UN MOP 35 Montreal Protocol PFAS
UN MOP 35 Montreal Protocol PFAS

UN Montreal Protocol: MOP 35 Mandates Scientific Panels to Investigate PFAS

At the 35th Meeting of the Parties (MOP), delegates agreed to place front and centre the issue of PFAS in the next reports by the three scientific panels due in 2026.

Delegates convening at the 35th Meeting of the Parties (MOP) to the United Nations’ Montreal Protocol in Nairobi, Kenya, agreed to mandate the investigation of the risk of per- and polyfluoroalkyl substances (PFAS) to the three scientific panels supporting the decision making of the Protocol.
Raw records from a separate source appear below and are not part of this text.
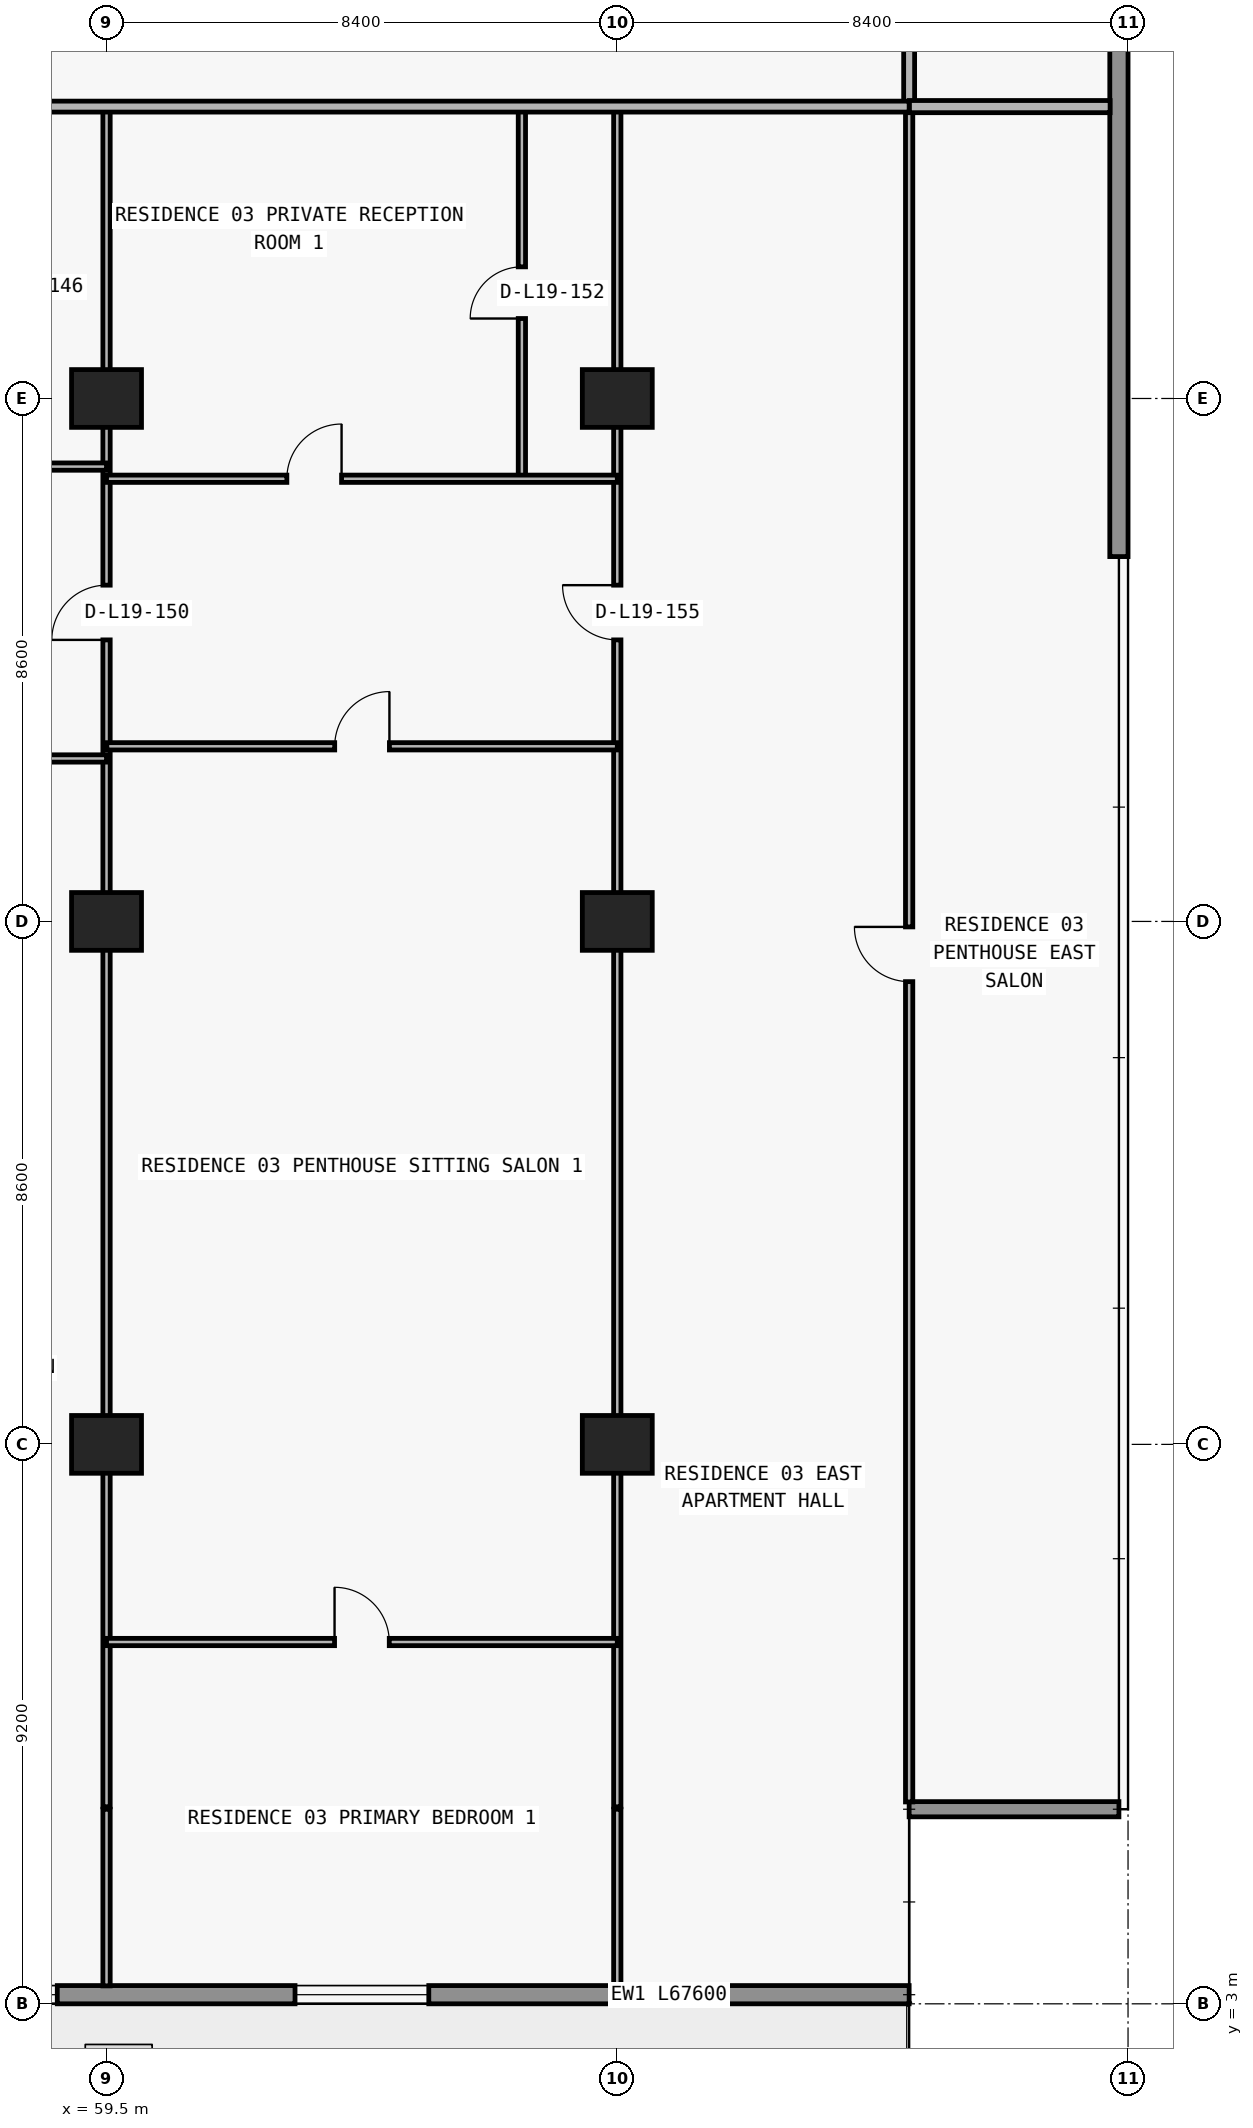
"""IFC4 building model, lengths in metres.
Left out: names, types, materials, properties, quantities, classifications, styles, units other than length and angle.
Written with IfcOpenShell. Run it as: python <this file> out.ifc"""

import sys

from ifc_helpers import new_model, si_unit, direction, frame, frame_2d, origin, origin_2d, place, context, subcontext, project, spatial, rectangle, extrude, element, fill, save


model = new_model("IFC4")
c1 = context("Model", 3, precision=1e-05, world=origin(), true_north=direction((0.0, 1.0)))
c2 = subcontext(c1, "Body", "Model", "MODEL_VIEW")
j1 = project(units=[si_unit("LENGTHUNIT", "METRE"), si_unit("PLANEANGLEUNIT", "RADIAN")], contexts=[c1])
p1 = place(None, origin())
s1 = spatial("IfcSite", under=j1, at=p1, CompositionType="ELEMENT")
p2 = place(p1, origin())
s2 = spatial("IfcBuilding", under=s1, at=p2, CompositionType="ELEMENT")
p3 = place(p2, frame((0.0, 0.0, 72.9)))
s3 = spatial("IfcBuildingStorey", under=s2, at=p3, CompositionType="ELEMENT", Elevation=72.9)
for number, where, z_axis, x_axis in (
    (1, (59.5, 12.2, 0.0), (0.0, 0.0, 1.0), (1.0, 0.0, 0.0)),
    (2, (67.9, 12.2, 0.0), (0.0, 0.0, 1.0), (1.0, 0.0, 0.0)),
    (3, (59.5, 20.8, 0.0), (0.0, 0.0, 1.0), (1.0, 0.0, 0.0)),
    (4, (67.9, 20.8, 0.0), (0.0, 0.0, 1.0), (1.0, 0.0, 0.0)),
    (5, (59.5, 29.4, 0.0), (0.0, 0.0, 1.0), (1.0, 0.0, 0.0)),
    (6, (67.9, 29.4, 0.0), (0.0, 0.0, 1.0), (1.0, 0.0, 0.0)),
):
    element("IfcColumn", number, at=place(p3, frame(where, z_axis=z_axis, x_axis=x_axis)), inside=s3, PredefinedType="COLUMN", context=c2, shape_type="SweptSolid", body=[
        extrude(rectangle(XDim=1.15, YDim=0.95, at=origin_2d()), origin(), (0.0, 0.0, 1.0), 3.05),
    ])
p4 = place(p3, frame((72.7, 3.15, 0.0), z_axis=(0.0, 0.0, 1.0), x_axis=(-1.0, 0.0, 0.0)))
e7 = element("IfcWall", 7, at=p4, inside=s3, PredefinedType="STANDARD", context=c2, shape_type="SweptSolid", body=[
    extrude(rectangle(XDim=67.6, YDim=0.3, at=frame_2d((33.8, 0.0))), origin(), (0.0, 0.0, 1.0), 3.05),
])
p5 = place(p4, frame((59.89, 0.0, 0.0)))
e8 = element("IfcOpeningElement", 8, at=p5, cuts=e7, PredefinedType="OPENING", context=c2, shape_type="SweptSolid", body=[
    extrude(rectangle(XDim=2.0, YDim=2.3, at=frame_2d((1.0, 1.15))), frame((0.0, 0.16, 0.0), z_axis=(0.0, -1.0, 0.0), x_axis=(1.0, 0.0, 0.0)), (0.0, 0.0, 1.0), 0.32),
])
p6 = place(p4, frame((55.21, 0.0, 0.65)))
e9 = element("IfcOpeningElement", 9, at=p6, cuts=e7, PredefinedType="OPENING", context=c2, shape_type="SweptSolid", body=[
    extrude(rectangle(XDim=2.6, YDim=1.85, at=frame_2d((1.3, 0.925))), frame((0.0, 0.16, 0.0), z_axis=(0.0, -1.0, 0.0), x_axis=(1.0, 0.0, 0.0)), (0.0, 0.0, 1.0), 0.32),
])
p7 = place(p4, frame((49.1, 0.0, 0.85)))
e10 = element("IfcOpeningElement", 10, at=p7, cuts=e7, PredefinedType="OPENING", context=c2, shape_type="SweptSolid", body=[
    extrude(rectangle(XDim=2.2, YDim=1.55, at=frame_2d((1.1, 0.775))), frame((0.0, 0.16, 0.0), z_axis=(0.0, -1.0, 0.0), x_axis=(1.0, 0.0, 0.0)), (0.0, 0.0, 1.0), 0.32),
])
p8 = place(p4, frame((43.09, 0.0, 0.0)))
e11 = element("IfcOpeningElement", 11, at=p8, cuts=e7, PredefinedType="OPENING", context=c2, shape_type="SweptSolid", body=[
    extrude(rectangle(XDim=2.0, YDim=2.3, at=frame_2d((1.0, 1.15))), frame((0.0, 0.16, 0.0), z_axis=(0.0, -1.0, 0.0), x_axis=(1.0, 0.0, 0.0)), (0.0, 0.0, 1.0), 0.32),
])
p9 = place(p4, frame((38.41, 0.0, 0.65)))
e12 = element("IfcOpeningElement", 12, at=p9, cuts=e7, PredefinedType="OPENING", context=c2, shape_type="SweptSolid", body=[
    extrude(rectangle(XDim=2.6, YDim=1.85, at=frame_2d((1.3, 0.925))), frame((0.0, 0.16, 0.0), z_axis=(0.0, -1.0, 0.0), x_axis=(1.0, 0.0, 0.0)), (0.0, 0.0, 1.0), 0.32),
])
p10 = place(p4, frame((32.7, 0.0, 0.85)))
e13 = element("IfcOpeningElement", 13, at=p10, cuts=e7, PredefinedType="OPENING", context=c2, shape_type="SweptSolid", body=[
    extrude(rectangle(XDim=2.2, YDim=1.55, at=frame_2d((1.1, 0.775))), frame((0.0, 0.16, 0.0), z_axis=(0.0, -1.0, 0.0), x_axis=(1.0, 0.0, 0.0)), (0.0, 0.0, 1.0), 0.32),
])
p11 = place(p4, frame((24.7, 0.0, 0.85)))
e14 = element("IfcOpeningElement", 14, at=p11, cuts=e7, PredefinedType="OPENING", context=c2, shape_type="SweptSolid", body=[
    extrude(rectangle(XDim=2.2, YDim=1.55, at=frame_2d((1.1, 0.775))), frame((0.0, 0.16, 0.0), z_axis=(0.0, -1.0, 0.0), x_axis=(1.0, 0.0, 0.0)), (0.0, 0.0, 1.0), 0.32),
])
p12 = place(p4, frame((18.69, 0.0, 0.0)))
e15 = element("IfcOpeningElement", 15, at=p12, cuts=e7, PredefinedType="OPENING", context=c2, shape_type="SweptSolid", body=[
    extrude(rectangle(XDim=2.0, YDim=2.3, at=frame_2d((1.0, 1.15))), frame((0.0, 0.16, 0.0), z_axis=(0.0, -1.0, 0.0), x_axis=(1.0, 0.0, 0.0)), (0.0, 0.0, 1.0), 0.32),
])
p13 = place(p4, frame((14.01, 0.0, 0.65)))
e16 = element("IfcOpeningElement", 16, at=p13, cuts=e7, PredefinedType="OPENING", context=c2, shape_type="SweptSolid", body=[
    extrude(rectangle(XDim=2.6, YDim=1.85, at=frame_2d((1.3, 0.925))), frame((0.0, 0.16, 0.0), z_axis=(0.0, -1.0, 0.0), x_axis=(1.0, 0.0, 0.0)), (0.0, 0.0, 1.0), 0.32),
])
p14 = place(p4, frame((7.9, 0.0, 0.85)))
e17 = element("IfcOpeningElement", 17, at=p14, cuts=e7, PredefinedType="OPENING", context=c2, shape_type="SweptSolid", body=[
    extrude(rectangle(XDim=2.2, YDim=1.55, at=frame_2d((1.1, 0.775))), frame((0.0, 0.16, 0.0), z_axis=(0.0, -1.0, 0.0), x_axis=(1.0, 0.0, 0.0)), (0.0, 0.0, 1.0), 0.32),
])
p15 = place(p3, frame((72.7, 6.2, 0.0), z_axis=(0.0, 0.0, 1.0), x_axis=(1.0, 0.0, 0.0)))
e18 = element("IfcWall", 18, at=p15, inside=s3, PredefinedType="ELEMENTEDWALL", context=c2, shape_type="SweptSolid", body=[
    extrude(rectangle(XDim=3.45, YDim=0.25, at=frame_2d((1.725, 0.0))), origin(), (0.0, 0.0, 1.0), 3.05),
])
p16 = place(p3, frame((76.15, 47.4, 0.0), z_axis=(0.0, 0.0, 1.0), x_axis=(0.0, -1.0, 0.0)))
e19 = element("IfcWall", 19, at=p16, inside=s3, PredefinedType="STANDARD", context=c2, shape_type="SweptSolid", body=[
    extrude(rectangle(XDim=20.6, YDim=0.3, at=frame_2d((10.3, 0.0))), origin(), (0.0, 0.0, 1.0), 3.05),
])
p17 = place(p3, frame((59.5, 3.295, 0.0), z_axis=(0.0, 0.0, 1.0), x_axis=(0.0, 1.0, 0.0)))
e20 = element("IfcWall", 20, at=p17, inside=s3, PredefinedType="PARTITIONING", context=c2, shape_type="SweptSolid", body=[
    extrude(rectangle(XDim=2.905, YDim=0.12, at=frame_2d((1.453, 0.0))), origin(), (0.0, 0.0, 1.0), 3.05),
])
p18 = place(p3, frame((59.5, 6.24, 0.0), z_axis=(0.0, 0.0, 1.0), x_axis=(0.0, 1.0, 0.0)))
e21 = element("IfcWall", 21, at=p18, inside=s3, PredefinedType="PARTITIONING", context=c2, shape_type="SweptSolid", body=[
    extrude(rectangle(XDim=27.96, YDim=0.12, at=frame_2d((13.98, 0.0))), origin(), (0.0, 0.0, 1.0), 2.11),
])
p19 = place(p18, frame((19.19, 0.0, 0.0)))
e22 = element("IfcOpeningElement", 22, at=p19, cuts=e21, PredefinedType="OPENING", context=c2, shape_type="SweptSolid", body=[
    extrude(rectangle(XDim=0.9, YDim=2.06, at=frame_2d((0.45, 1.03))), frame((0.0, 0.07, 0.0), z_axis=(0.0, -1.0, 0.0), x_axis=(1.0, 0.0, 0.0)), (0.0, 0.0, 1.0), 0.14),
])
p20 = place(p3, frame((66.331, 28.08, 0.0), z_axis=(0.0, 0.0, 1.0), x_axis=(0.0, 1.0, 0.0)))
e23 = element("IfcWall", 23, at=p20, inside=s3, PredefinedType="PARTITIONING", context=c2, shape_type="SweptSolid", body=[
    extrude(rectangle(XDim=6.12, YDim=0.12, at=frame_2d((3.06, 0.0))), origin(), (0.0, 0.0, 1.0), 3.05),
])
p21 = place(p20, frame((2.635, 0.0, 0.0)))
e24 = element("IfcOpeningElement", 24, at=p21, cuts=e23, PredefinedType="OPENING", context=c2, shape_type="SweptSolid", body=[
    extrude(rectangle(XDim=0.85, YDim=2.1, at=frame_2d((0.425, 1.05))), frame((0.0, 0.07, 0.0), z_axis=(0.0, -1.0, 0.0), x_axis=(1.0, 0.0, 0.0)), (0.0, 0.0, 1.0), 0.14),
])
p22 = place(p3, frame((67.9, 3.295, 0.0), z_axis=(0.0, 0.0, 1.0), x_axis=(0.0, 1.0, 0.0)))
e25 = element("IfcWall", 25, at=p22, inside=s3, PredefinedType="PARTITIONING", context=c2, shape_type="SweptSolid", body=[
    extrude(rectangle(XDim=2.905, YDim=0.12, at=frame_2d((1.453, 0.0))), origin(), (0.0, 0.0, 1.0), 3.05),
])
p23 = place(p3, frame((67.9, 6.24, 0.0), z_axis=(0.0, 0.0, 1.0), x_axis=(0.0, 1.0, 0.0)))
e26 = element("IfcWall", 26, at=p23, inside=s3, PredefinedType="PARTITIONING", context=c2, shape_type="SweptSolid", body=[
    extrude(rectangle(XDim=27.96, YDim=0.12, at=frame_2d((13.98, 0.0))), origin(), (0.0, 0.0, 1.0), 2.11),
])
p24 = place(p23, frame((19.19, 0.0, 0.0)))
e27 = element("IfcOpeningElement", 27, at=p24, cuts=e26, PredefinedType="OPENING", context=c2, shape_type="SweptSolid", body=[
    extrude(rectangle(XDim=0.9, YDim=2.06, at=frame_2d((0.45, 1.03))), frame((0.0, 0.07, 0.0), z_axis=(0.0, -1.0, 0.0), x_axis=(1.0, 0.0, 0.0)), (0.0, 0.0, 1.0), 0.14),
])
p25 = place(p3, frame((72.7, 6.32, 0.0), z_axis=(0.0, 0.0, 1.0), x_axis=(0.0, 1.0, 0.0)))
e28 = element("IfcWall", 28, at=p25, inside=s3, PredefinedType="PARTITIONING", context=c2, shape_type="SweptSolid", body=[
    extrude(rectangle(XDim=27.88, YDim=0.12, at=frame_2d((13.94, 0.0))), origin(), (0.0, 0.0, 1.0), 3.05),
])
p26 = place(p25, frame((13.49, 0.0, 0.0)))
e29 = element("IfcOpeningElement", 29, at=p26, cuts=e28, PredefinedType="OPENING", context=c2, shape_type="SweptSolid", body=[
    extrude(rectangle(XDim=0.9, YDim=2.15, at=frame_2d((0.45, 1.075))), frame((0.0, 0.07, 0.0), z_axis=(0.0, -1.0, 0.0), x_axis=(1.0, 0.0, 0.0)), (0.0, 0.0, 1.0), 0.14),
])
p27 = place(p3, frame((72.7, 34.205, 0.0), z_axis=(0.0, 0.0, 1.0), x_axis=(0.0, 1.0, 0.0)))
e30 = element("IfcWall", 30, at=p27, inside=s3, PredefinedType="PARTITIONING", context=c2, shape_type="SweptSolid", body=[
    extrude(rectangle(XDim=2.695, YDim=0.18, at=frame_2d((1.347, 0.0))), origin(), (0.0, 0.0, 1.0), 3.05),
])
p28 = place(p3, frame((59.5, 8.95, 0.0), z_axis=(0.0, 0.0, 1.0), x_axis=(1.0, 0.0, 0.0)))
e31 = element("IfcWall", 31, at=p28, inside=s3, PredefinedType="PARTITIONING", context=c2, shape_type="SweptSolid", body=[
    extrude(rectangle(XDim=8.4, YDim=0.12, at=frame_2d((4.2, 0.0))), origin(), (0.0, 0.0, 1.0), 3.05),
])
p29 = place(p28, frame((3.75, 0.0, 0.0)))
e32 = element("IfcOpeningElement", 32, at=p29, cuts=e31, PredefinedType="OPENING", context=c2, shape_type="SweptSolid", body=[
    extrude(rectangle(XDim=0.9, YDim=2.15, at=frame_2d((0.45, 1.075))), frame((0.0, 0.07, 0.0), z_axis=(0.0, -1.0, 0.0), x_axis=(1.0, 0.0, 0.0)), (0.0, 0.0, 1.0), 0.14),
])
p30 = place(p3, frame((51.37, 23.48, 0.0), z_axis=(0.0, 0.0, 1.0), x_axis=(1.0, 0.0, 0.0)))
e33 = element("IfcWall", 33, at=p30, inside=s3, PredefinedType="PARTITIONING", context=c2, shape_type="SweptSolid", body=[
    extrude(rectangle(XDim=8.13, YDim=0.12, at=frame_2d((4.065, 0.0))), origin(), (0.0, 0.0, 1.0), 3.05),
])
p31 = place(p30, frame((1.305, 0.0, 0.0)))
e34 = element("IfcOpeningElement", 34, at=p31, cuts=e33, PredefinedType="OPENING", context=c2, shape_type="SweptSolid", body=[
    extrude(rectangle(XDim=0.9, YDim=2.15, at=frame_2d((0.45, 1.075))), frame((0.0, 0.07, 0.0), z_axis=(0.0, -1.0, 0.0), x_axis=(1.0, 0.0, 0.0)), (0.0, 0.0, 1.0), 0.14),
])
p32 = place(p3, frame((59.505, 23.68, 0.0), z_axis=(0.0, 0.0, 1.0), x_axis=(1.0, 0.0, 0.0)))
e35 = element("IfcWall", 35, at=p32, inside=s3, PredefinedType="PARTITIONING", context=c2, shape_type="SweptSolid", body=[
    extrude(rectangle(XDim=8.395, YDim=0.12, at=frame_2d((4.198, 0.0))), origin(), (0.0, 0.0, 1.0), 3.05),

The three scientific panels, the Scientific Assessment Panel (SAP), the Environmental Effects Assessment Panel (EEAP) and the Technology and Economic Assessment Panel (TEAP), are scientific bodies informing the decisions of the Parties to the Montreal Protocol. They will need to analyse the risk related to PFAS, including trifluoroacetic acid (TFA), and their relation to the implementation of this legally binding agreement.

This decision is UNEP/OzL.Pro.35/CRP.11. The decisions adopted at the end of the week can be found at this link once the Ozone Secretariat uploads them.

Commenting on the decision, Thomas Trevisan, Deputy Manager for Public Affairs – Ozone, Climate, Energy and Chemicals at ATMOsphere, said, “This decision places the issue of PFAS front and centre to the Montreal Protocol work, which cover fluorinated gases used as refrigerants in RACHP equipment. Not only controlled substances such as HFCs will need to be assessed in relation to PFAS, but also halogenated alternatives such as HFOs. Delegates from around the world are increasingly paying attention to the risks related to the continued use of these substances.”

Following the update of the PFAS definition by the Organisation for Economic Cooperation and Development (OECD) in 2021, many fluorinated refrigerants, both HFCs and HFOs, have fallen under the scope of actions related to the management of these substances. For instance, the European Union is taking action on this issue by proposing a blanket ban, providing derogations where alternatives are considered not available. This action would tackle multiple fluorinated refrigerants, as well as one of their degradation products, trifluoroacetic acid (TFA), whose accumulation in the environment is increasing around the world.

ATMOsphere, publisher of this media outlet, organised in July in Bangkok an event related to the European Restriction Proposal on PFAS with the Norwegian Environment Agency and the Germany-based consultancy Öko-Recherche. The event explained to delegates and observers attending the 45th Open-Ended Working Group (OEWG 45) to the United Nations Montreal Protocol the measures taken in the proposal. At MOP35, in Nairobi, Kenya, ATMOsphere organised another side event to inform policymakers on the risks to rely on persistent substances, calling for the application of the precautionary principle and the continue monitoring of these substances and their precursors. The slides presented can be found here selecting the date of October 25.

According to the decision reached by the Parties, the EEAP will have to “to assess the effects and accumulation of breakdown products from controlled substances and their alternatives, in particular any substances that are very persistent in the environment, such as perfluoro- and polyfluoroalkyl substances, including trifluoroacetic acid, in ground and surface waters and in other relevant sinks.”

The SAP, instead, will need to provide parties with “[E]arly identification and quantification of any substances that could be of concern to the ozone layer … in particular those with high global warming potential, breakdown products of controlled substances and their alternatives that are very persistent, such as perfluoro- and polyfluoroalkyl substances, including trifluoroacetic acid”.

The TEAP will need to assess and evaluate the “potential impacts of evolving policies and regulations in relation to the management of controlled substances, and their alternatives and breakdown products, in particular per- and polyfluoroalkyl substances, on the implementation of the Montreal Protocol and the selection of alternatives in relevant sectors”.